The good: just about everything. I married my soulmate, I felt like a princess, and we had exactly the wedding we dreamed of.
The bad: my mom cracked a vertebrae in her back 2 weeks before our wedding day. We were really close to postponing because we didn't know if she would be able to travel (about 4 hours). She ended up being able to come (thank god for modern medicine) but it was pretty nerve wracking. And I was sad that she wasn't able to enjoy herself as much as normal.
A funny "bad": when I got to the altar, H took my hand and whispered into my ear "I can't do this" I whispered back, "excuse me?" and he said "I just know I can't get through this without crying". Dude, wrong way to put it - I almost had a heart attack!
The ugly: My BIL and his now ex-wife briefly reconciled and she came to the wedding, so now she's in all our pics. That's all I can think of.
The good: planning was OVER. I hated planning and found it stressful. The day was beautiful, The party was so much fun.
The bad: photographer. Also, my dad has passed away 7 months earlier, so that was just kind of hard in general, especially on my mom
The ugly: Nothing really. After the wedding there was drama w/my sister, but that happens frequently, and at least it was after the reception, and I knew nothing about it until later.
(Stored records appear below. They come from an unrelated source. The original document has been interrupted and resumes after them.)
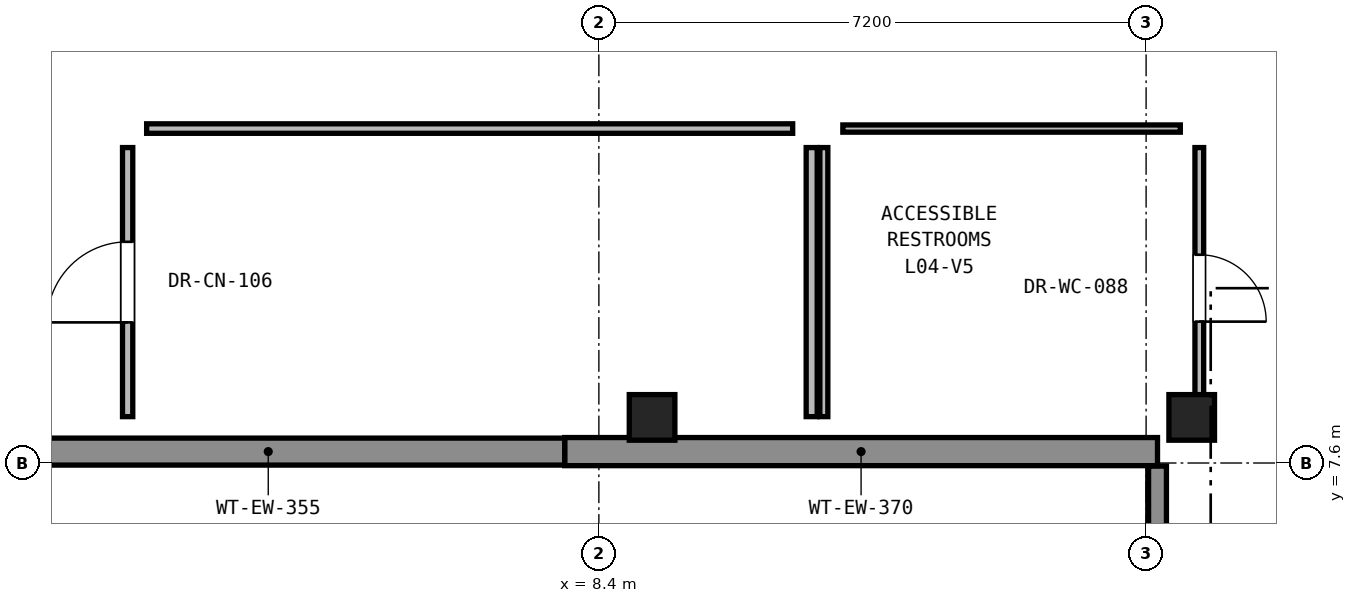
"""IFC4 building model, lengths in metres.
Left out: names, types, materials, properties, quantities, classifications, styles, units other than length and angle.
Written with IfcOpenShell. Run it as: python <this file> out.ifc"""

import sys

from ifc_helpers import new_model, si_unit, direction, frame, frame_2d, origin, origin_2d, place, context, subcontext, project, spatial, rectangle, extrude, element, fill, save


model = new_model("IFC4")
c1 = context("Model", 3, precision=1e-05, world=origin(), true_north=direction((0.0, 1.0)))
c2 = subcontext(c1, "Body", "Model", "MODEL_VIEW")
j1 = project(units=[si_unit("LENGTHUNIT", "METRE"), si_unit("PLANEANGLEUNIT", "RADIAN")], contexts=[c1])
p1 = place(None, origin())
s1 = spatial("IfcSite", under=j1, at=p1, CompositionType="ELEMENT")
p2 = place(p1, origin())
s2 = spatial("IfcBuilding", under=s1, at=p2, CompositionType="ELEMENT")
p3 = place(p2, frame((0.0, 0.0, 17.68)))
s3 = spatial("IfcBuildingStorey", under=s2, at=p3, CompositionType="ELEMENT", Elevation=17.68)
for number, where, z_axis, x_axis in (
    (1, (9.1, 8.2, 0.0), (0.0, 0.0, 1.0), (1.0, 0.0, 0.0)),
    (2, (16.2, 8.2, 0.0), (0.0, 0.0, 1.0), (1.0, 0.0, 0.0)),
):
    element("IfcColumn", number, at=place(p3, frame(where, z_axis=z_axis, x_axis=x_axis)), inside=s3, PredefinedType="COLUMN", context=c2, shape_type="SweptSolid", body=[
        extrude(rectangle(XDim=0.6, YDim=0.6, at=origin_2d()), origin(), (0.0, 0.0, 1.0), 4.08),
    ])
p4 = place(p3, frame((15.75, 0.34, 0.0), z_axis=(0.0, 0.0, 1.0), x_axis=(0.0, 1.0, 0.0)))
e3 = element("IfcWall", 3, at=p4, inside=s3, PredefinedType="SOLIDWALL", context=c2, shape_type="SweptSolid", body=[
    extrude(rectangle(XDim=7.22, YDim=0.235, at=frame_2d((3.61, 0.0))), origin(), (0.0, 0.0, 1.0), 3.72),
])
p5 = place(p3, frame((15.75, 7.75, 0.0), z_axis=(0.0, 0.0, 1.0), x_axis=(-1.0, 0.0, 0.0)))
e4 = element("IfcWall", 4, at=p5, inside=s3, PredefinedType="SOLIDWALL", context=c2, shape_type="SweptSolid", body=[
    extrude(rectangle(XDim=7.8, YDim=0.37, at=frame_2d((3.9, 0.0))), origin(), (0.0, 0.0, 1.0), 3.72),
])
p6 = place(p3, frame((7.95, 7.75, 0.0), z_axis=(0.0, 0.0, 1.0), x_axis=(-1.0, 0.0, 0.0)))
e5 = element("IfcWall", 5, at=p6, inside=s3, PredefinedType="SOLIDWALL", context=c2, shape_type="SweptSolid", body=[
    extrude(rectangle(XDim=7.8, YDim=0.355, at=frame_2d((3.9, 0.0))), origin(), (0.0, 0.0, 1.0), 3.72),
])
p7 = place(p3, frame((11.2, 11.75, 0.0), z_axis=(0.0, 0.0, 1.0), x_axis=(0.0, -1.0, 0.0)))
e6 = element("IfcWall", 6, at=p7, inside=s3, PredefinedType="PARTITIONING", context=c2, shape_type="SweptSolid", body=[
    extrude(rectangle(XDim=3.54, YDim=0.145, at=frame_2d((1.77, 0.0))), origin(), (0.0, 0.0, 1.0), 2.77),
])
p8 = place(p3, frame((2.2, 8.21, 0.0), z_axis=(0.0, 0.0, 1.0), x_axis=(0.0, 1.0, 0.0)))
e7 = element("IfcWall", 7, at=p8, inside=s3, PredefinedType="PARTITIONING", context=c2, shape_type="SweptSolid", body=[
    extrude(rectangle(XDim=3.54, YDim=0.135, at=frame_2d((1.77, 0.0))), origin(), (0.0, 0.0, 1.0), 2.77),
])
p9 = place(p8, frame((1.24, 0.0, 0.0)))
e8 = element("IfcOpeningElement", 8, at=p9, cuts=e7, PredefinedType="OPENING", context=c2, shape_type="SweptSolid", body=[
    extrude(rectangle(XDim=1.06, YDim=2.15, at=frame_2d((0.53, 1.075))), frame((0.0, 0.077, 0.0), z_axis=(0.0, -1.0, 0.0), x_axis=(1.0, 0.0, 0.0)), (0.0, 0.0, 1.0), 0.155),
])
p10 = place(p3, frame((2.45, 12.0, 0.0), z_axis=(0.0, 0.0, 1.0), x_axis=(1.0, 0.0, 0.0)))
e9 = element("IfcWall", 9, at=p10, inside=s3, PredefinedType="PARTITIONING", context=c2, shape_type="SweptSolid", body=[
    extrude(rectangle(XDim=8.5, YDim=0.125, at=frame_2d((4.25, 0.0))), origin(), (0.0, 0.0, 1.0), 3.17),
])
p11 = place(p3, frame((16.3, 11.75, 0.0), z_axis=(0.0, 0.0, 1.0), x_axis=(0.0, -1.0, 0.0)))
e10 = element("IfcWall", 10, at=p11, inside=s3, PredefinedType="PARTITIONING", context=c2, shape_type="SweptSolid", body=[
    extrude(rectangle(XDim=3.7, YDim=0.115, at=frame_2d((1.85, 0.0))), origin(), (0.0, 0.0, 1.0), 2.77),
])
p12 = place(p11, frame((1.41, 0.0, 0.0)))
e11 = element("IfcOpeningElement", 11, at=p12, cuts=e10, PredefinedType="OPENING", context=c2, shape_type="SweptSolid", body=[
    extrude(rectangle(XDim=0.88, YDim=2.1, at=frame_2d((0.44, 1.05))), frame((0.0, 0.067, 0.0), z_axis=(0.0, -1.0, 0.0), x_axis=(1.0, 0.0, 0.0)), (0.0, 0.0, 1.0), 0.135),
])
p13 = place(p3, frame((11.36, 8.21, 0.0), z_axis=(0.0, 0.0, 1.0), x_axis=(0.0, 1.0, 0.0)))
e12 = element("IfcWall", 12, at=p13, inside=s3, PredefinedType="PARTITIONING", context=c2, shape_type="SweptSolid", body=[
    extrude(rectangle(XDim=3.54, YDim=0.105, at=frame_2d((1.77, 0.0))), origin(), (0.0, 0.0, 1.0), 2.77),
])
p14 = place(p3, frame((11.61, 12.0, 0.0), z_axis=(0.0, 0.0, 1.0), x_axis=(1.0, 0.0, 0.0)))
e13 = element("IfcWall", 13, at=p14, inside=s3, PredefinedType="PARTITIONING", context=c2, shape_type="SweptSolid", body=[
    extrude(rectangle(XDim=4.44, YDim=0.095, at=frame_2d((2.22, 0.0))), origin(), (0.0, 0.0, 1.0), 3.02),
])
p15 = place(p9, origin())
e14 = element("IfcDoor", 14, at=p15, inside=s3, OperationType="SINGLE_SWING_LEFT", PredefinedType="DOOR", context=c2, shape_type="SweptSolid", body=[
    extrude(rectangle(XDim=1.06, YDim=2.15, at=frame_2d((0.53, 1.075))), frame((0.0, 0.025, 0.0), z_axis=(0.0, -1.0, 0.0), x_axis=(1.0, 0.0, 0.0)), (0.0, 0.0, 1.0), 0.05),
])
fill(e8, e14)
p16 = place(p12, origin())
e15 = element("IfcDoor", 15, at=p16, inside=s3, OperationType="SINGLE_SWING_RIGHT", PredefinedType="DOOR", context=c2, shape_type="SweptSolid", body=[
    extrude(rectangle(XDim=0.88, YDim=2.1, at=frame_2d((0.44, 1.05))), frame((0.0, 0.025, 0.0), z_axis=(0.0, -1.0, 0.0), x_axis=(1.0, 0.0, 0.0)), (0.0, 0.0, 1.0), 0.05),
])
fill(e11, e15)
save(model, sys.argv[1])

The Good: I had wonderful bridesmaids. The pastor gave a great message. Everything really turned out beautifully. The Bad: A fire alarm started going off because a door was left open at the church. DH's dad got it turned off, so that wasn't so bad. I also felt like I barely saw DH the entire reception. The Ugly: I had a bridezilla moment during pictures before the ceremony and swore in the church I was a leetle stressed, but my bridesmaids talked me down. DH's brothers (and groomsmen) left our reception early to go hang out with friends in another turn (I don't like to hold grudges, but I don't think I'll ever get over that.) My little sister got a little drunk and obnoxious at the bar, but then had a heart to heart with DH, so that wasn't all that bad either.
Good: Gorgeous weather, everything came together more cohesively than I'd hoped, food was great, photographer was great, location was beautiful. Almost everything was perfect. We still get compliments almost three years later, which makes me feel good because the majority of our wedding was DIY.
Bad: Our DJ was awful. Announced me by the wrong name, pronounced our last name wrong, played the wrong entrance songs, and one of his speakers blew an hour before the reception ended (all of this after we'd gone over everything several times, and he mentioned at least ten times that he never uses just his computer for music because "laptops are unreliable and can go down at any moment"). He was also in his seventies and refused to refund us any money.
Ugly: We had DH's Uncle in the wedding and were not aware he was racist until he was relentlessly rude and condescending to our Ukranian photographer. It was mortifying, and our group pictures were cut short because he would not stop no matter how much we told/asked him to. Also, at our reception, DH went over to my BIL, his new BIL, and said "Can you stop tapping on your water glass while we're trying to eat? You're being really annoying and I don't appreciate it." My Mom caught wind of this and promptly came over to yell at me in front of everyone. DH saying that was more awkward than anything; my Mom's response made it ugly. In defense of my DH, he's a really genuinely nice person 99% of the time, but his nerves were completely shot by the time we got to that part of the reception. And he apologized to/made up with BIL later in the evening.